How to learn French on your own?

French is not the most difficult language. It is quite possible to learn it on your own. Especially if you already speak English or Italian. With the latter, they share Latin roots, and in the former, there are many words borrowed from French. In this section, we will give you some tips on how to learn the perfect langue française.

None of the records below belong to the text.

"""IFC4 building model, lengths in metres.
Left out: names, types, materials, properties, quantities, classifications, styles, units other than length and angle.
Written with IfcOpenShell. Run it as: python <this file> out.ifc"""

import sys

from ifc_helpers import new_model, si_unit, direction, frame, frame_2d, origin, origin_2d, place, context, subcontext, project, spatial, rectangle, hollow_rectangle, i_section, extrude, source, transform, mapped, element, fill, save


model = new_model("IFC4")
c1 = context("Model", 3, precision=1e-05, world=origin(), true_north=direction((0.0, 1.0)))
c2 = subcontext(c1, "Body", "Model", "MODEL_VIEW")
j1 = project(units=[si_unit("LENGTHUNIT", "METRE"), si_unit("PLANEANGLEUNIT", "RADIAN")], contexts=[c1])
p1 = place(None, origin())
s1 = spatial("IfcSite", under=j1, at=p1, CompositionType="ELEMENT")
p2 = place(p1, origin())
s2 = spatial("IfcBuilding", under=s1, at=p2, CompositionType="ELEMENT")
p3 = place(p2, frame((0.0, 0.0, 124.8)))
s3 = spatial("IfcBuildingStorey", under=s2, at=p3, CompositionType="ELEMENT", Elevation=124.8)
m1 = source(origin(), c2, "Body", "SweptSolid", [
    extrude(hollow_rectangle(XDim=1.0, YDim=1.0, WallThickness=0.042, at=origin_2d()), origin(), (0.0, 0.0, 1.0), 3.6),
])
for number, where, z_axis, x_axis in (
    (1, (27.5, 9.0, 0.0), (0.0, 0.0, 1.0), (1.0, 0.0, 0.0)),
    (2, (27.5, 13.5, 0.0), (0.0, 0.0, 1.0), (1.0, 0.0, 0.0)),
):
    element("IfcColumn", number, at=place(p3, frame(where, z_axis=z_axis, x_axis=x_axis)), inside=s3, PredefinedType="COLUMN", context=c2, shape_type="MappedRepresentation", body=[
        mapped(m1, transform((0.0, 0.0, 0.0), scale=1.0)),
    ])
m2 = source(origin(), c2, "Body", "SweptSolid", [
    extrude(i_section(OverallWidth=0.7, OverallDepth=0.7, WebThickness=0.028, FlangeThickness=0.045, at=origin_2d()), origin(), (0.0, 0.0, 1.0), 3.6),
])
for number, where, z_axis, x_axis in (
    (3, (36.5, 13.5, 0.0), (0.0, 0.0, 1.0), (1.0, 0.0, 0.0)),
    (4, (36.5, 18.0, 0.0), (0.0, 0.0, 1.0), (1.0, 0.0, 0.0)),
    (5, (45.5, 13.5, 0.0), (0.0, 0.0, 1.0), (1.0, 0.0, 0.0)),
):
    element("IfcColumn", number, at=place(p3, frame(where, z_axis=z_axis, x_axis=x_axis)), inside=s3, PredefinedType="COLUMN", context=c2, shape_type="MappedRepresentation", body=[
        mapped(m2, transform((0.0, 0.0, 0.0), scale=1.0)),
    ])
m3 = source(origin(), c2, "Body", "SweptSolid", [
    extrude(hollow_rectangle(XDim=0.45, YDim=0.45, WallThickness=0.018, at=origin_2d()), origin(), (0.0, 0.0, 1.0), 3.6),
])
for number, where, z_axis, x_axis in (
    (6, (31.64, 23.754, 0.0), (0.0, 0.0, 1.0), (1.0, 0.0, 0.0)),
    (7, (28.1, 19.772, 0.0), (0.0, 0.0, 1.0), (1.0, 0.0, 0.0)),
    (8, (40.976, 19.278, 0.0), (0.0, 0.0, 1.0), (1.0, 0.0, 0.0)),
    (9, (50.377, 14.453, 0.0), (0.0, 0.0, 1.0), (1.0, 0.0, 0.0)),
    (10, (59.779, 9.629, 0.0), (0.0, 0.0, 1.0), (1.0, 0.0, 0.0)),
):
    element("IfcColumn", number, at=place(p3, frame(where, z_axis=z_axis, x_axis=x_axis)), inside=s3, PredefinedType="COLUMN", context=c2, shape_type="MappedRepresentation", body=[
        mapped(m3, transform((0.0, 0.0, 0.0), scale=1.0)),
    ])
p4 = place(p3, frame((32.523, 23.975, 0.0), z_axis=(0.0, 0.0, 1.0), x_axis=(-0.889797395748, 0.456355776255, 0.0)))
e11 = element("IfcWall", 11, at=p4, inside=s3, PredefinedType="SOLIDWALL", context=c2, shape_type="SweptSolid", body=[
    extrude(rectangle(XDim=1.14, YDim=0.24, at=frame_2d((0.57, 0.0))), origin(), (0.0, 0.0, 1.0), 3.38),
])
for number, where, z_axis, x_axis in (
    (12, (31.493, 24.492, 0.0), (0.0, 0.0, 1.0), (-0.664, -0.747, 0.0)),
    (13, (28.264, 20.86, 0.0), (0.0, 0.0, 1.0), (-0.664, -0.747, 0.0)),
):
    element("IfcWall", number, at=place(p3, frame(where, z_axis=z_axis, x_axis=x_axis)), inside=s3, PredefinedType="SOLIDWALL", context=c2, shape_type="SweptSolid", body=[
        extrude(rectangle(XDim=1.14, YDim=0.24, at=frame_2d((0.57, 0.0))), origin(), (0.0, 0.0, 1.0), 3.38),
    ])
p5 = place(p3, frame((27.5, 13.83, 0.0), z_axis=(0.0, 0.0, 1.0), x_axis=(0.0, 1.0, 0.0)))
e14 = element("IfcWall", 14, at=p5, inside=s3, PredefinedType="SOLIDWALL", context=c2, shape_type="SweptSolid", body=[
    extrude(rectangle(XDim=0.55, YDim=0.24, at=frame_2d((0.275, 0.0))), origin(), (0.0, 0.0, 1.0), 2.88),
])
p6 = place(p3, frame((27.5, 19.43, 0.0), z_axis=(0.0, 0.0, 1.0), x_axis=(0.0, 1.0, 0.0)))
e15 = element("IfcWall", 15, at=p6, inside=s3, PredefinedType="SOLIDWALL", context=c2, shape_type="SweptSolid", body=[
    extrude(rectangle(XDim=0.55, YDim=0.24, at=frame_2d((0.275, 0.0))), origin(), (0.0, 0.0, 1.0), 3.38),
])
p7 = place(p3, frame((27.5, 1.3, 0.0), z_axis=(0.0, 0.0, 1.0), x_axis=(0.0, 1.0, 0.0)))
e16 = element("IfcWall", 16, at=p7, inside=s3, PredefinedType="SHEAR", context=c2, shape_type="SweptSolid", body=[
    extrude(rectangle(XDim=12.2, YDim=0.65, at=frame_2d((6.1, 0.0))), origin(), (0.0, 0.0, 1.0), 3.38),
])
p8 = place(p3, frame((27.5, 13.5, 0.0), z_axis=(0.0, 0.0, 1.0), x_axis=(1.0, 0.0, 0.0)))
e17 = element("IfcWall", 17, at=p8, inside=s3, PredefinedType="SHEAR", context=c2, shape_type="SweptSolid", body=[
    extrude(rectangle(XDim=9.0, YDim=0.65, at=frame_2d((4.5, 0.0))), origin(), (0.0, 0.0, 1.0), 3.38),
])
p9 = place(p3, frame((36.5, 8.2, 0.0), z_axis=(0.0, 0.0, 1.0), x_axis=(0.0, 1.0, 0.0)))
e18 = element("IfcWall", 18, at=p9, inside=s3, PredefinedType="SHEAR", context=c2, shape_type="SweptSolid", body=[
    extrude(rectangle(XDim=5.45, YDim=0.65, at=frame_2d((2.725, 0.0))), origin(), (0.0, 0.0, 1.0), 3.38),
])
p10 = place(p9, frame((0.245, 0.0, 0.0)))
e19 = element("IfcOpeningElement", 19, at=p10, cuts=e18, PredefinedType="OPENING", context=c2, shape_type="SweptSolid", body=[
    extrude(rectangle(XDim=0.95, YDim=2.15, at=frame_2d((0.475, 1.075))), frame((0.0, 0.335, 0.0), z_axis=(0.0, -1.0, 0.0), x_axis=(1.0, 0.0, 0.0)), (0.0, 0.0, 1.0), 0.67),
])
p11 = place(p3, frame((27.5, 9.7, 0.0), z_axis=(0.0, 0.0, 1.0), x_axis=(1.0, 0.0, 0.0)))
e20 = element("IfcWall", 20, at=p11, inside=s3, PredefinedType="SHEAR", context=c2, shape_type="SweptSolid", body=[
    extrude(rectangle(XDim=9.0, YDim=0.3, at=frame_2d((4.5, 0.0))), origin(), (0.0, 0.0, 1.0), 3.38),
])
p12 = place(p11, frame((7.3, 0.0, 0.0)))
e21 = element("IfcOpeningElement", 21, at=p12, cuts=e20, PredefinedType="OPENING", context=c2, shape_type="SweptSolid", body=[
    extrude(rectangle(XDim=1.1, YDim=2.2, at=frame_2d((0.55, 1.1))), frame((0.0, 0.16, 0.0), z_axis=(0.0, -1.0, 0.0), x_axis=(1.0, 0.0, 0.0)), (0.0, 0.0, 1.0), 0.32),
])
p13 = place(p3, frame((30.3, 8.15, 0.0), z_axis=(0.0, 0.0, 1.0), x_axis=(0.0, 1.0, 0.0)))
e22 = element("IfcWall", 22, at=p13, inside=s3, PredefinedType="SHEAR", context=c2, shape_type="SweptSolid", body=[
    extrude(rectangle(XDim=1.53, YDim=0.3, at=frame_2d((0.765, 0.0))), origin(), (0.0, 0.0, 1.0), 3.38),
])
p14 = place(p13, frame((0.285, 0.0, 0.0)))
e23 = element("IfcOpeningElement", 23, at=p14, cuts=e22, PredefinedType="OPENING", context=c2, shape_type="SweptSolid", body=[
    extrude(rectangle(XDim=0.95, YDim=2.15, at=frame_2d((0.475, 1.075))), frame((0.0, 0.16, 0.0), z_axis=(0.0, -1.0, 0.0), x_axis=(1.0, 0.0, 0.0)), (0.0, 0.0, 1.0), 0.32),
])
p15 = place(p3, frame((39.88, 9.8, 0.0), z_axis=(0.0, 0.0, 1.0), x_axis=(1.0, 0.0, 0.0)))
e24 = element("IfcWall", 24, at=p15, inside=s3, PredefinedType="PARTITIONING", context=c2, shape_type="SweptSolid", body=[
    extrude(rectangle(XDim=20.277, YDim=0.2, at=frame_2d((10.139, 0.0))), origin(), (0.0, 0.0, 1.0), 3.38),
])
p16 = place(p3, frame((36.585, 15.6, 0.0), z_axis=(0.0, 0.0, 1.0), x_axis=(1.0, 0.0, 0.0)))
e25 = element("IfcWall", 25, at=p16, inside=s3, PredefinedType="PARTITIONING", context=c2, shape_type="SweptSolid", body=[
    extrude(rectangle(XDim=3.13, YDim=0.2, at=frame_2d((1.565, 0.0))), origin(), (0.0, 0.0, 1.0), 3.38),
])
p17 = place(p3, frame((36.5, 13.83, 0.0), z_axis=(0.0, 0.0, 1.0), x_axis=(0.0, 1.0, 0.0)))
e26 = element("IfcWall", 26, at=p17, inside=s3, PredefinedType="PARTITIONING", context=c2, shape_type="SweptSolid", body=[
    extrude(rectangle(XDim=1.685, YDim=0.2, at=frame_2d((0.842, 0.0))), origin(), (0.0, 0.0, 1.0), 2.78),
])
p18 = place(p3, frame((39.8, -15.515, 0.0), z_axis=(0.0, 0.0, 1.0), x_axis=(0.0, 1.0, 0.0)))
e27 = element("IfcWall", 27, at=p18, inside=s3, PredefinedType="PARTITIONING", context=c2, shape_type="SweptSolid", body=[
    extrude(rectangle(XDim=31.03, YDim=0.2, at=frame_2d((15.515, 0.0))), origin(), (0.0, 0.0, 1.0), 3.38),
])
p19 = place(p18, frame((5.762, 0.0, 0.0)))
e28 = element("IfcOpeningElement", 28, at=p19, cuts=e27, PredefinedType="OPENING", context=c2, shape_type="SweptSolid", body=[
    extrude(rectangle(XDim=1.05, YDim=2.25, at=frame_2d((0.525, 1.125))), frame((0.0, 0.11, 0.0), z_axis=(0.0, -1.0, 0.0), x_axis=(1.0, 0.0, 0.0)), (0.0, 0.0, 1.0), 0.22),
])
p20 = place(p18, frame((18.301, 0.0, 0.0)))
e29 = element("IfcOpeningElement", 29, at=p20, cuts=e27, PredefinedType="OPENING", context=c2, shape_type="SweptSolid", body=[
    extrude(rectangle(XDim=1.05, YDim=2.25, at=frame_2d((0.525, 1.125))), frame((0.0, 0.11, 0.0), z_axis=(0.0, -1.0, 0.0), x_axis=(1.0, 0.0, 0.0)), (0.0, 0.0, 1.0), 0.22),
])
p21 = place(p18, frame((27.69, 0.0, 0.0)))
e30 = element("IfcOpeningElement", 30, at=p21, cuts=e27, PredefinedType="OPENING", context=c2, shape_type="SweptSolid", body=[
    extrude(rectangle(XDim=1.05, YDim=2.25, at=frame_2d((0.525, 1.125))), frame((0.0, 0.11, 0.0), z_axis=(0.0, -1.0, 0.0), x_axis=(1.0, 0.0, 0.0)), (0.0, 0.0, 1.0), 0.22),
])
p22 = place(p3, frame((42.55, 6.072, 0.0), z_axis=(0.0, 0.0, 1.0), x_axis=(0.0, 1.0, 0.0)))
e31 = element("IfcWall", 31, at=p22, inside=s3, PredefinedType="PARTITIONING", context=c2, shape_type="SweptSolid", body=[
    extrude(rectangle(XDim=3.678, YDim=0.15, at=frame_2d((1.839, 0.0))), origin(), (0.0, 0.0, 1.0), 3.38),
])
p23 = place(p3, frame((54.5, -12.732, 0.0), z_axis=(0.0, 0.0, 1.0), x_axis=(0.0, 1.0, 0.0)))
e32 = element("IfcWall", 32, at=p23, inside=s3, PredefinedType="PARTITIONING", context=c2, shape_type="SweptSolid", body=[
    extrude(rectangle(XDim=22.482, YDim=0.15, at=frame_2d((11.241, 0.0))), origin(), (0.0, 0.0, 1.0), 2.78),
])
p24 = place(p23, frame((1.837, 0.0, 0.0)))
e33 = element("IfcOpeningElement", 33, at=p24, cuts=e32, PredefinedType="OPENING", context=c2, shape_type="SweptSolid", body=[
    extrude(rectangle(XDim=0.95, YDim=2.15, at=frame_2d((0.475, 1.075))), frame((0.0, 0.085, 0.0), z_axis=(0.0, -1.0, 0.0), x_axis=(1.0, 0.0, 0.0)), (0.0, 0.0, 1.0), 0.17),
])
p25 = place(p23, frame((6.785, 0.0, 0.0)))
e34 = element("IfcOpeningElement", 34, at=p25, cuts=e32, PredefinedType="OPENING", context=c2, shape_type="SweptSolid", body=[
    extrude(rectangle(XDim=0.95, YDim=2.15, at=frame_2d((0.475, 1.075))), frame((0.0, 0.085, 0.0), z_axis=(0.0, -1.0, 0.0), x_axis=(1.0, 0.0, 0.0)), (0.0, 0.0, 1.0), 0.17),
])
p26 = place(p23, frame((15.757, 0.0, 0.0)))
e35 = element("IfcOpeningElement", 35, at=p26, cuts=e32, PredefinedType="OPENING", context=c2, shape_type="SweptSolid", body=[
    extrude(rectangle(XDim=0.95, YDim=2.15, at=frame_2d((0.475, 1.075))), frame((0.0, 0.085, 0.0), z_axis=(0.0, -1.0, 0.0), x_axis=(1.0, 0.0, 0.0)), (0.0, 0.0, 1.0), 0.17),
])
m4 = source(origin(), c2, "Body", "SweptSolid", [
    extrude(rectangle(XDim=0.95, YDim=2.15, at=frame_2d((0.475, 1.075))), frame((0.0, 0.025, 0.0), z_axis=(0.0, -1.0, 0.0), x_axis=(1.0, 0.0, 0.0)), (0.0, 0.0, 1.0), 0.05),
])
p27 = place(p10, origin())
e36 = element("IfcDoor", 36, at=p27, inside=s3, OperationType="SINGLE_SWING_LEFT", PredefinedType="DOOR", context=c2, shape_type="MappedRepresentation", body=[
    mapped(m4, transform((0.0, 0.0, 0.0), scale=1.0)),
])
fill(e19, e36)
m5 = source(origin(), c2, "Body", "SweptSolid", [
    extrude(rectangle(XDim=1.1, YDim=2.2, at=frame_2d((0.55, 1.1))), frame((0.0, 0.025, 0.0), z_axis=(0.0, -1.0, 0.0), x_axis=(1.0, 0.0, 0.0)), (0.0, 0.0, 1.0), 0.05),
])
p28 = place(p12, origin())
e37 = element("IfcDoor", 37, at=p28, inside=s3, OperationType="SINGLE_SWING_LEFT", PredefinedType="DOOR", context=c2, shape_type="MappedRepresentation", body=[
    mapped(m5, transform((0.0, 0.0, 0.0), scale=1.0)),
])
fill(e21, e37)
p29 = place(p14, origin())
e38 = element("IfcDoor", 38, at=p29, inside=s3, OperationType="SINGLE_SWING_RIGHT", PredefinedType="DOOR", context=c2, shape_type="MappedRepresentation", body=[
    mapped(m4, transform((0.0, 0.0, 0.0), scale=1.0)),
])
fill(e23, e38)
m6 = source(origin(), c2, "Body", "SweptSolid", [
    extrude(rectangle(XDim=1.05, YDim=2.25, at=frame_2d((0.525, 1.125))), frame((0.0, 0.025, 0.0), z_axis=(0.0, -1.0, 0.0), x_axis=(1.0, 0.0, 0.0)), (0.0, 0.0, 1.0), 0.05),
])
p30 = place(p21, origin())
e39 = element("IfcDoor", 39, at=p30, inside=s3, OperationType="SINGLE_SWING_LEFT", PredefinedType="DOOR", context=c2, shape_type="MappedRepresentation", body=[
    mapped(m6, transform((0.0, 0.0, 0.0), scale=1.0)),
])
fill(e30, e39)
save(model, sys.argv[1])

  1. Start with phonetics. Yes, just like in school. We ourselves do not like such methods, but they suit the French the best. You first need to understand the reading rules. Understand why beaucoup reads as [bo-koo], and qu'est-ce que ça as [kes-ke-sey]. And only then can you start learning French vocabulary. If you immediately start learning words by ear, there is a chance that you will face a problem: it will be difficult to match pronunciation with spelling. Nobody can just guess that [ohm] is written as homme.
  2. Enjoy learning. The main secret in learning any language is to practice the way you like it. Bored of cramming grammar? Throw the blasted textbook aside and do something fun. Watch TV shows in French, listen to and memorize songs, read books or comics. If you are a full-fledged student, then grammatical constructions cannot be avoided, and Subjonctif will catch you, too. But after all, it can also be looked at through engaging examples.
  3. Don't be afraid of mistakes. It is impossible to learn a language without practice. Feel free to mispronounce words. No matter what jokes go about the French, no one will turn their backs on you because of an error in pronunciation. Most likely they will praise everyone who dares to learn their great and beautiful language.
  4. Practice every day. Learning a foreign language is 20% understanding of grammatical concepts and 80% practice. Give French at least an hour every day. Or 30 minutes, or even 15. The main part is not to forget about it. It is enough to listen to an audio recording on the way home or rehearse out loud the recently learned phrases.
  5. Surround yourself with French. Immersion in a language environment is the most effective way to learn a foreign language. Create your own French world: switch all your gadgets to it, change the keyboard layout, speak, listen and think in French.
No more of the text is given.